Ab Nachmittags könnte ich paar Stunden! So ab 14:00 . früher wird das leider nix!


----------



## Meeresangler_Schwerin (24. Februar 2003)

Moin!
Ich kann leider leider nicht kommen denn ich bin auf Fehmarn zum DAIWA Cup. 
Aber ich empfehle zum Bellyboot fahren die Steilküste in Rerik. Die beste Stelle ist da die Teufelsschlucht  . Da kommt mann am ehesten ins tiefere Wasser und schön steinig ist es da auch.
Falls ihr euch entschließt da hin zu fahren schreibe ich gerne noch eine Wegbeschreibung. Aber eigentlich ist es ganz einfach zu finden.


----------



## Ace (24. Februar 2003)

@Jörg
der Link geht nicht ;+ 
schreib mal bitte die Wegbeschreibung ich fahr auf jeden Fall.
Wär nur schade weil alleine is BB-fahren nich ganz so schön wie zu zweit oder mehr.


----------



## Meeresangler_Schwerin (24. Februar 2003)

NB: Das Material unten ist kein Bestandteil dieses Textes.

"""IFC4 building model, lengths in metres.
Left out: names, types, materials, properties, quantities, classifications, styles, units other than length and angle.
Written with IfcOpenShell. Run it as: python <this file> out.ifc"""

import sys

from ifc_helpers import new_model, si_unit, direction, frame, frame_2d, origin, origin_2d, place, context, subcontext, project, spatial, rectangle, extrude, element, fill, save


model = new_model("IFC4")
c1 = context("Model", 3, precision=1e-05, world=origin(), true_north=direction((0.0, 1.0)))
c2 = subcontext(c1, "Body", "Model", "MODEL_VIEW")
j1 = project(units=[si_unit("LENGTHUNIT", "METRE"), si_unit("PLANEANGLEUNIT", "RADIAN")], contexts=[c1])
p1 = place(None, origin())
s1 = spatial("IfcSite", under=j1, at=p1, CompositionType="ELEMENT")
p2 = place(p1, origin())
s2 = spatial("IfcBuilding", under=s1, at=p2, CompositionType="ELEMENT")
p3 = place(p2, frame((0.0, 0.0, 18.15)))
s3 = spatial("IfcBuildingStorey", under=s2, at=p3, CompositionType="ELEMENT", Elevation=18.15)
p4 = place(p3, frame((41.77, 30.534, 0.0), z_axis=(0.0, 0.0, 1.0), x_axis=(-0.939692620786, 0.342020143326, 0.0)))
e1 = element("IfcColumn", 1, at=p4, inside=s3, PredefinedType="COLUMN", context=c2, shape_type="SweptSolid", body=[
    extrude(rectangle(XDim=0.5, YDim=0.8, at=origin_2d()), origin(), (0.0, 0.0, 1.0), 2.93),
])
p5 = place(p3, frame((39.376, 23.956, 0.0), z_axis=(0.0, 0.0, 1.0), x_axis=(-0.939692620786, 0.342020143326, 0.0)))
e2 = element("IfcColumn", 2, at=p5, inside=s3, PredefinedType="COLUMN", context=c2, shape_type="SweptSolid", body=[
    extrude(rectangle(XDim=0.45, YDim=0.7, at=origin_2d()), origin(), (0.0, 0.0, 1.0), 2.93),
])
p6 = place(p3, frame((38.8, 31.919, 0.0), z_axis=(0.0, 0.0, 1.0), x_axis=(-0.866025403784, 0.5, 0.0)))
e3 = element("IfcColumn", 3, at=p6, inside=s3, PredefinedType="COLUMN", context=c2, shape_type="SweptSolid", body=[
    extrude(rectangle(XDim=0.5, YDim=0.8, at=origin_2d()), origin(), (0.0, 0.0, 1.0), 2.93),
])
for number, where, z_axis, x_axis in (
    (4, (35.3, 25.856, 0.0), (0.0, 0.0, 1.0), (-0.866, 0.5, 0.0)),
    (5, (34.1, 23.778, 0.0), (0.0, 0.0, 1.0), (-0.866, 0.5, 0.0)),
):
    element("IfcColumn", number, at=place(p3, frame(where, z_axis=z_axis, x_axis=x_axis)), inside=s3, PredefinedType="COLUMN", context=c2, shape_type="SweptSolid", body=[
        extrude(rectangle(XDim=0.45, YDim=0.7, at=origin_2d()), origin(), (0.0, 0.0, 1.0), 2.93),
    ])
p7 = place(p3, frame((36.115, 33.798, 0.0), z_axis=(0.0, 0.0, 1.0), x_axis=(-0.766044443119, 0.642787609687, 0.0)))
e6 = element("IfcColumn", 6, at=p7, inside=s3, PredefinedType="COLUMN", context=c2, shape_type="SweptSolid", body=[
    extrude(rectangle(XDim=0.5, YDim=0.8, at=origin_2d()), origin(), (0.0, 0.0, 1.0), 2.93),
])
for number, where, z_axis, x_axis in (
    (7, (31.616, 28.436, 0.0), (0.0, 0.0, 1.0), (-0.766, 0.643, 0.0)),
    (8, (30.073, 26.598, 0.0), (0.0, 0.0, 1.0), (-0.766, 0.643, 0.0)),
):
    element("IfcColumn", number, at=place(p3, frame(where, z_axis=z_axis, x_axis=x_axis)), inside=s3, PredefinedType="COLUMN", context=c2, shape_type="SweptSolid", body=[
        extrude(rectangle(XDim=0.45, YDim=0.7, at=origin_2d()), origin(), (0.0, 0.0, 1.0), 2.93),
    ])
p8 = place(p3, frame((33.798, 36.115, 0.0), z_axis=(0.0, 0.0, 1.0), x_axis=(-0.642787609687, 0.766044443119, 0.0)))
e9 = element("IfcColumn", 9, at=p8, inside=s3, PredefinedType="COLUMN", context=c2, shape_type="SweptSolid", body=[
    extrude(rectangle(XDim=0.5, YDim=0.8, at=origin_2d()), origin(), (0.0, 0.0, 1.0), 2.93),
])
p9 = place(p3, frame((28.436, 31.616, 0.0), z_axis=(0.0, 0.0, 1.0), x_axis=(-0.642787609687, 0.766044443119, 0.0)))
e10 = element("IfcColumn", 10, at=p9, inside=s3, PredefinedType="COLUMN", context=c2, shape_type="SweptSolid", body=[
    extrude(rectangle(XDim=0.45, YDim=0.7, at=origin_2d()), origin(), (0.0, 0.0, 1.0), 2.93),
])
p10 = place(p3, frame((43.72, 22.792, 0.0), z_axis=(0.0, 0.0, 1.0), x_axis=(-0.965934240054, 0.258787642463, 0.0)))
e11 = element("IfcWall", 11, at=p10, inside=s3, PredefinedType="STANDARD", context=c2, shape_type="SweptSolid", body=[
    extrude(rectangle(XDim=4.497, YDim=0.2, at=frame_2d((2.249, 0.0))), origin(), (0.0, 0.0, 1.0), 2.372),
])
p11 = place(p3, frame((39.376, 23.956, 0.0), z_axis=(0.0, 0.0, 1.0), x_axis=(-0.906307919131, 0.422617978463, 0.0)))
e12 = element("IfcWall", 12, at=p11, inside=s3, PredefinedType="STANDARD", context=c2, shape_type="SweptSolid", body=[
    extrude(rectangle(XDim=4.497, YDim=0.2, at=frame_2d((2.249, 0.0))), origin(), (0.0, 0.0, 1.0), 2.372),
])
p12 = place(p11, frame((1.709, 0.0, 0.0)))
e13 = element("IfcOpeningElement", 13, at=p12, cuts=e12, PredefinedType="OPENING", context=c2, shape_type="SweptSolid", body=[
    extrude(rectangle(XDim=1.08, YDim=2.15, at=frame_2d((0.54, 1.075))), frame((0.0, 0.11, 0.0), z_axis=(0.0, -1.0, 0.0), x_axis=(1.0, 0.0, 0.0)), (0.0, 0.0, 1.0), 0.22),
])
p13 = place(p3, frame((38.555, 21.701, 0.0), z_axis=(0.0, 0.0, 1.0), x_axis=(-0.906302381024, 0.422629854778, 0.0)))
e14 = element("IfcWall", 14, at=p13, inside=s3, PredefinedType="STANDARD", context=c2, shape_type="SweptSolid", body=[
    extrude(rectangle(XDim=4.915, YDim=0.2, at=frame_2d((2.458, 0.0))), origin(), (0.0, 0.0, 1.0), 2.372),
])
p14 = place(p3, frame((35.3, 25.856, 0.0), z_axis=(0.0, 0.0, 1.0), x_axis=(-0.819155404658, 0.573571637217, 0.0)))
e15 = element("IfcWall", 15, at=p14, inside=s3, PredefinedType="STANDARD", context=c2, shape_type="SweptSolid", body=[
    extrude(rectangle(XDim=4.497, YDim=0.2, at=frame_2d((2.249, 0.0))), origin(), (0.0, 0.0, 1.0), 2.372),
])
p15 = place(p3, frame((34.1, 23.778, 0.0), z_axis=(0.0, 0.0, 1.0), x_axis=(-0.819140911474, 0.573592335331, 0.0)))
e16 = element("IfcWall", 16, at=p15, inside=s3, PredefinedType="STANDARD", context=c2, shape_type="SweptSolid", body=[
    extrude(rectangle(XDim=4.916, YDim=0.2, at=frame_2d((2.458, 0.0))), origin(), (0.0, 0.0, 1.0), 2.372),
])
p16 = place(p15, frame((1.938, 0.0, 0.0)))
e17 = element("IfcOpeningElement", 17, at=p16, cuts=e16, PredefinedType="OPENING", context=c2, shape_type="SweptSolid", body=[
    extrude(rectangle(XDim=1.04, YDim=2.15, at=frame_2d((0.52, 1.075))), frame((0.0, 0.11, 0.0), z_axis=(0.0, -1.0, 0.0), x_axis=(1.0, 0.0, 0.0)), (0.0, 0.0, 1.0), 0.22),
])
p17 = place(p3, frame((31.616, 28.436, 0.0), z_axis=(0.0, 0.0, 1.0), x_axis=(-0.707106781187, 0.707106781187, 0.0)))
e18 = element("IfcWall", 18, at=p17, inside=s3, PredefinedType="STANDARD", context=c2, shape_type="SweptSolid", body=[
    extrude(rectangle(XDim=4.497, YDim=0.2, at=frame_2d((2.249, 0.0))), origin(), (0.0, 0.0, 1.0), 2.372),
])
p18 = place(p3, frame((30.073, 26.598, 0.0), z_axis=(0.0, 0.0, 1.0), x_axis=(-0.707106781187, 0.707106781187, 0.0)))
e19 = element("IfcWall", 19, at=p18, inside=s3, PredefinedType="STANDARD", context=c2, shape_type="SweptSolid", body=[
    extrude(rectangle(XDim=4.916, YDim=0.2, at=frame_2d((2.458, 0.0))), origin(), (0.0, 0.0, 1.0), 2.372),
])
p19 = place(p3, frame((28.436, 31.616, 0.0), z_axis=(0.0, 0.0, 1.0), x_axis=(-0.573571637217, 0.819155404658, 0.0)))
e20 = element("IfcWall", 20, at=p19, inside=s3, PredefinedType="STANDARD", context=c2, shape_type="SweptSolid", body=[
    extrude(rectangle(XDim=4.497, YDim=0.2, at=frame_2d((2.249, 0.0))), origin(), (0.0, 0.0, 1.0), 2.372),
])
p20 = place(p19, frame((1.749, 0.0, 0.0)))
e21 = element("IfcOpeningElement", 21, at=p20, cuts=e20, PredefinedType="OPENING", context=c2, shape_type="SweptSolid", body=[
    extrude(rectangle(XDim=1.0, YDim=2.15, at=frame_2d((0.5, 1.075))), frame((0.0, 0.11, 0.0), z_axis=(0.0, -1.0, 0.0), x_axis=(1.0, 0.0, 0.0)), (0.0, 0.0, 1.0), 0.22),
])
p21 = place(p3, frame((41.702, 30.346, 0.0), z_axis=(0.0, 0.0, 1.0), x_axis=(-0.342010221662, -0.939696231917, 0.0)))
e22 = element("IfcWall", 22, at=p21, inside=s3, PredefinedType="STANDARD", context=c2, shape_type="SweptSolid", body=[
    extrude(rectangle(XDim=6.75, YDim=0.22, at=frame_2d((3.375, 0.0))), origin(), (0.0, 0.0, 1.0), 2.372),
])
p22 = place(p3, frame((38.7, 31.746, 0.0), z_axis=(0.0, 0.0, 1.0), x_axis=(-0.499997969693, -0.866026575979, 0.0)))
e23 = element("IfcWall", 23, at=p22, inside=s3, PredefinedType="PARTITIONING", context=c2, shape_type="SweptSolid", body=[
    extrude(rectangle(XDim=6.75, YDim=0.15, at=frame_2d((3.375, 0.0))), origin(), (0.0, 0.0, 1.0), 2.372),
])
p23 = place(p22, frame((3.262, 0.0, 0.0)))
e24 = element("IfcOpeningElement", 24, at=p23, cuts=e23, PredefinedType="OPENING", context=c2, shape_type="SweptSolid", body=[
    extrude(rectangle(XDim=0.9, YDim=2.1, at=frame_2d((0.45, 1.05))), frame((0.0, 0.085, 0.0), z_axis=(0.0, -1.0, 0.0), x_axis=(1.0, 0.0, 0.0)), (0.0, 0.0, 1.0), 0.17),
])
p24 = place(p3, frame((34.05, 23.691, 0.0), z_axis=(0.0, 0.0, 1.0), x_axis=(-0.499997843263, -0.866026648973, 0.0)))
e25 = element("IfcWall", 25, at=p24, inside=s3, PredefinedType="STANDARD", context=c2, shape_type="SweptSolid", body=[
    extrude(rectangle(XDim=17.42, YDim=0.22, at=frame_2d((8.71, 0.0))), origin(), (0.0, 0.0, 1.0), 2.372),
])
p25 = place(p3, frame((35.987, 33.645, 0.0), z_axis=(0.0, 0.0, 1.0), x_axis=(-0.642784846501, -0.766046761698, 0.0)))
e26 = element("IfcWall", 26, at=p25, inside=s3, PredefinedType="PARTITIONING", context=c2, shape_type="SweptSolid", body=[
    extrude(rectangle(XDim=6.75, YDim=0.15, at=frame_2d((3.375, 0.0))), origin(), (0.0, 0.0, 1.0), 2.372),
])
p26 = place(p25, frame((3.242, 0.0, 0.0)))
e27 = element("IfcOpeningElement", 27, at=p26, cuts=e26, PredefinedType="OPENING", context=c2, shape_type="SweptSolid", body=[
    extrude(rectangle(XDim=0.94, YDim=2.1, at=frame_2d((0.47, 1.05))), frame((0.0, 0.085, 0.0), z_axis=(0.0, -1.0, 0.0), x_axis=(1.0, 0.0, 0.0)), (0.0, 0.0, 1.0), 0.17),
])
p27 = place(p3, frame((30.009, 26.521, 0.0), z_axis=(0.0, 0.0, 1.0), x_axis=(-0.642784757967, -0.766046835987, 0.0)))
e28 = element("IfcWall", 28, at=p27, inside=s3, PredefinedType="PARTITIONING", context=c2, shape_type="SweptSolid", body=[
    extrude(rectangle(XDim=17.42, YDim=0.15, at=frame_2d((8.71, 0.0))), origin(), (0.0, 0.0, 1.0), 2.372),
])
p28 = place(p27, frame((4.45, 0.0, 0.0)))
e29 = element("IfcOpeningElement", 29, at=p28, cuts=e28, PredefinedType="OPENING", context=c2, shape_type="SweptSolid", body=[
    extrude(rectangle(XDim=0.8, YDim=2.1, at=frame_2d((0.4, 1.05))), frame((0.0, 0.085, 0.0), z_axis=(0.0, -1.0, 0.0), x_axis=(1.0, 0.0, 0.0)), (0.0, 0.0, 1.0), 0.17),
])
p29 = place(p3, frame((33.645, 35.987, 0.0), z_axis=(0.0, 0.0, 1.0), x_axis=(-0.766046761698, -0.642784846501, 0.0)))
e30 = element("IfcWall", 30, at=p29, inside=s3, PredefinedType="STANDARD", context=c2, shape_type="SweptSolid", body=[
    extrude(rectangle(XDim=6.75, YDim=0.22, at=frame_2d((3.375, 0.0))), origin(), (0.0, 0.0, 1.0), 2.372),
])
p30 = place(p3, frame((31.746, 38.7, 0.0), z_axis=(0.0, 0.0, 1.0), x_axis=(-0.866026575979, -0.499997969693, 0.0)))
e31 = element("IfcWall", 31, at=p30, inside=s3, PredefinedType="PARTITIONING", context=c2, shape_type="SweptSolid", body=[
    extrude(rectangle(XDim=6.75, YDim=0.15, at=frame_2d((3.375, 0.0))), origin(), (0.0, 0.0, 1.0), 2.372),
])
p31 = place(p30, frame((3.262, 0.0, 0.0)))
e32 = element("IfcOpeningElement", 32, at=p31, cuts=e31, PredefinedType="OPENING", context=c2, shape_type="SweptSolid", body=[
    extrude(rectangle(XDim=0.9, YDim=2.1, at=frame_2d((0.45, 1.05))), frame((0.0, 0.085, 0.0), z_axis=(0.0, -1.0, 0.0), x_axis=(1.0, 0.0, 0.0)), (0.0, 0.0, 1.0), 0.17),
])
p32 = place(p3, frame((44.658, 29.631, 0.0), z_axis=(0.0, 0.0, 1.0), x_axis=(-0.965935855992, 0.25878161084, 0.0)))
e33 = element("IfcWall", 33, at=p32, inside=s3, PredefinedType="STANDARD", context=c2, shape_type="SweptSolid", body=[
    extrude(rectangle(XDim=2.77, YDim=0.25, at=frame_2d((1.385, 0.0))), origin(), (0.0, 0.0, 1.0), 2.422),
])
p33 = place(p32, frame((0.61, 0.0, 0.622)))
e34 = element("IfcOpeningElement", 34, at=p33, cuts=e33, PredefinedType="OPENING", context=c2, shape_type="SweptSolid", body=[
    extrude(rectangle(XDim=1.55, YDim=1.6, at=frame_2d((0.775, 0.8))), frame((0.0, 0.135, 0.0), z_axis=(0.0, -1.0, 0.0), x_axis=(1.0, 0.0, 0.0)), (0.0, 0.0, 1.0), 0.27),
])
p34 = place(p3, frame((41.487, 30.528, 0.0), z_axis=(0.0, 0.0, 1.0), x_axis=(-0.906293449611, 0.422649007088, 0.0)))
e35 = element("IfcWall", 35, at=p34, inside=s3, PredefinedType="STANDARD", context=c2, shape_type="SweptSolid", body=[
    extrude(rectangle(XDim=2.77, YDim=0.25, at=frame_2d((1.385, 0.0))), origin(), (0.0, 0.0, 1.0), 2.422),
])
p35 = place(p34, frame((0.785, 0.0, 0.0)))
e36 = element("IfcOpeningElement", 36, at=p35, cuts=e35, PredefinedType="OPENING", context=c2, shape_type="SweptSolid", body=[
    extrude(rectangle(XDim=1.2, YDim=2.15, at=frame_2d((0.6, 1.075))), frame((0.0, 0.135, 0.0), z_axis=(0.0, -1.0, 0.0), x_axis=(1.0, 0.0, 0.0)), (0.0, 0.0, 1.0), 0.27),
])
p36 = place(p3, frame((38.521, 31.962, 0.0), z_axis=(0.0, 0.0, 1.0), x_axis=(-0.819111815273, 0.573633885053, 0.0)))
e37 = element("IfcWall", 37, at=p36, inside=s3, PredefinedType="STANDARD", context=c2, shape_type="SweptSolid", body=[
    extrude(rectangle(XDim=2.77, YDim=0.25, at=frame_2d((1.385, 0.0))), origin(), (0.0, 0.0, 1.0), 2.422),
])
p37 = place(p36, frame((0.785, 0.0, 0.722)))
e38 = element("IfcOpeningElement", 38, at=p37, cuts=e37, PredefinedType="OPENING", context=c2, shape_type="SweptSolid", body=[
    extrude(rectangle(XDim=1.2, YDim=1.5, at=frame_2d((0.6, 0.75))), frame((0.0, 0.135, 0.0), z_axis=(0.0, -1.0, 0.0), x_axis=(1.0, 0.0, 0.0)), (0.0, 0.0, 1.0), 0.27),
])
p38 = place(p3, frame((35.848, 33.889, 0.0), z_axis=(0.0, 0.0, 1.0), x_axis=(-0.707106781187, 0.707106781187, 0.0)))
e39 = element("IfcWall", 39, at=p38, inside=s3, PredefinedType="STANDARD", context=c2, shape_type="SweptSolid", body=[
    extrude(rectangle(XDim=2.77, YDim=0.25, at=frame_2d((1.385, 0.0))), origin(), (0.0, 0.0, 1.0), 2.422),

hm der direkt Link geht wirklich nicht. Ich bekomms nicht hin aber jetzt habe ich die Gewässertipps eingefügt und du mußt da nur noch Teufelsschlucht  weiter unten suchen.
Wie gesagt einfach zu finden ist es allemal. Du verlässt Rerik Richtung Meschendorf und hinter dem letzten Grundstück (Haus) auf der Linken Seite fährst du einen Feldweg bis an den Waldrand. Dort führt ein Weg durch den schmalen Küstenwald und dann brauchst du nur noch eine Holztreppe zum Strand runter steigen.
Viel Spaß!


----------



## Ace (24. Februar 2003)

Dangeschön Jörg:m
sieht sehr interresant aus...liegt also links von Meschendorf oder??


----------



## Meeresangler_Schwerin (24. Februar 2003)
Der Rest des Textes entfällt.